Re: Feedback on Internet Media Types and the Web

On 11.02.2011 07:33, "Martin J. Dürst" wrote:
> Hello Julian,
>
> On 2011/02/11 0:10, Julian Reschke wrote:
>> On 10.02.2011 15:57, Chris Lilley wrote:
>
>>> For +xml, that handling is
>>> - parsing
>>> - well formedness checking
>>> - validation
>>> - looking for namespaces you recognise
>>> - handing a dom to some other process
>
>>> For +zip:
>>> - display contents of zipfile (as a tree-like filebrowser)
>>> - look for particular things inside (manifest.xml)
>>> - offer to extract some, rather than all, of the contents
>>
>> Is any of these three above something you *want* to happen when opening
>> an ePub file?
>
> Yes and no.
>
> Yes in that the Epub application definitely will look for particular
> things inside, extract some, and so on.

Understood. But the *EPub* application will do that no matter what 
format the media type has.

The question was about the case where you do *not* have an EPub reader 
installed. Would a user expect to see the contents of the archive, or a 
notification that the system doesn't have an application for that type. 
I believe the answer is "the latter" for most non-programmers.

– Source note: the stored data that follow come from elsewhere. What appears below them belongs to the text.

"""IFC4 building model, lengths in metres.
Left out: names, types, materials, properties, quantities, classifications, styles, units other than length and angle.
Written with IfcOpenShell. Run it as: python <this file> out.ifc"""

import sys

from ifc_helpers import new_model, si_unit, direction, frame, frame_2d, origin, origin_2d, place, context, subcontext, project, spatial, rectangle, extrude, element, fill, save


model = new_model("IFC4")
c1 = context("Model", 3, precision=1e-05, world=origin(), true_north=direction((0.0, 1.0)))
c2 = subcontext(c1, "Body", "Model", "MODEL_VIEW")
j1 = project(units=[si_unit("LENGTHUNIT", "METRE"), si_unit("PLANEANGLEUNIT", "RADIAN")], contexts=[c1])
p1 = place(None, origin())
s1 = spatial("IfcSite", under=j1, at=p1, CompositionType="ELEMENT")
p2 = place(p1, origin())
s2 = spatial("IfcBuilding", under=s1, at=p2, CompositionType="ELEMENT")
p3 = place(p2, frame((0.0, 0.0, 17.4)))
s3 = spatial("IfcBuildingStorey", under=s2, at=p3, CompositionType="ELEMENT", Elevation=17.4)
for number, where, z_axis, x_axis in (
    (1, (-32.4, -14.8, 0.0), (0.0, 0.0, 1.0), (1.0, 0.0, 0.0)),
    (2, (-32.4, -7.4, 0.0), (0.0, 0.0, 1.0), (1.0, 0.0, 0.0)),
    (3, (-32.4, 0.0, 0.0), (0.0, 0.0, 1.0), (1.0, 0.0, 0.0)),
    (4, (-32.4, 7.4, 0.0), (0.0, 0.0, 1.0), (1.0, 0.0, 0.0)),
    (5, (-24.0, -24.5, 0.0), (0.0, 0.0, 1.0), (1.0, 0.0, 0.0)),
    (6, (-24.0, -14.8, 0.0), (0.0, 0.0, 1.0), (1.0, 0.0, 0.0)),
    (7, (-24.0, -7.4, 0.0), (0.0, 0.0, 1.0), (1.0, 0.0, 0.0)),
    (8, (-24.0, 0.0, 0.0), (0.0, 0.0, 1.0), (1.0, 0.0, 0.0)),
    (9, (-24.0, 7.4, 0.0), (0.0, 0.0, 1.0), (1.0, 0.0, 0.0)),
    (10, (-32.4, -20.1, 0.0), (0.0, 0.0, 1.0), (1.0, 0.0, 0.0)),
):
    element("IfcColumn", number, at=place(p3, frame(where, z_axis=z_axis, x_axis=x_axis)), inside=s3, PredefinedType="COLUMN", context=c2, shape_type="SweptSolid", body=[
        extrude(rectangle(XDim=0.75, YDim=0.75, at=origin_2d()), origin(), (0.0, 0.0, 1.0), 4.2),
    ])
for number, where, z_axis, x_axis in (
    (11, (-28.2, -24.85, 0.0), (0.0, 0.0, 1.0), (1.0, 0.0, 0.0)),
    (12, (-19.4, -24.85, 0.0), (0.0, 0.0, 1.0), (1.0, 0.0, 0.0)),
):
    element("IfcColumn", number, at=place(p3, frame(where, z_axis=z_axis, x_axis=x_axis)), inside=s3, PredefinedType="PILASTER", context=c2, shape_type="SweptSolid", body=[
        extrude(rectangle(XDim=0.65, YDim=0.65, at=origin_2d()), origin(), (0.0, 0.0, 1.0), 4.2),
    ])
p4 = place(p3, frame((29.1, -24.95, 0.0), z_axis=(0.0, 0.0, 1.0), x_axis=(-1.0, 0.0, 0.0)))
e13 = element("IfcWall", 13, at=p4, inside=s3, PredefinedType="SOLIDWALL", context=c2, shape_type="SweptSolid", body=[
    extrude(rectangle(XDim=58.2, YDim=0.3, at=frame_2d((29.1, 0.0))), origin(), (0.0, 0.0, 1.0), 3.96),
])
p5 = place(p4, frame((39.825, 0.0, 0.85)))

> No in that it won't do this things only. But then again, is anything in
> the +xml list something you (only!) *want* to happen if you are opening
> an image/svg+xml file?
>
> The +foo suffixes are helpful not for when you have an application for
> the exact type, but for when you don't, and have to fall back to more
> generic processing.

Exactly; the question is what generic processing can be done.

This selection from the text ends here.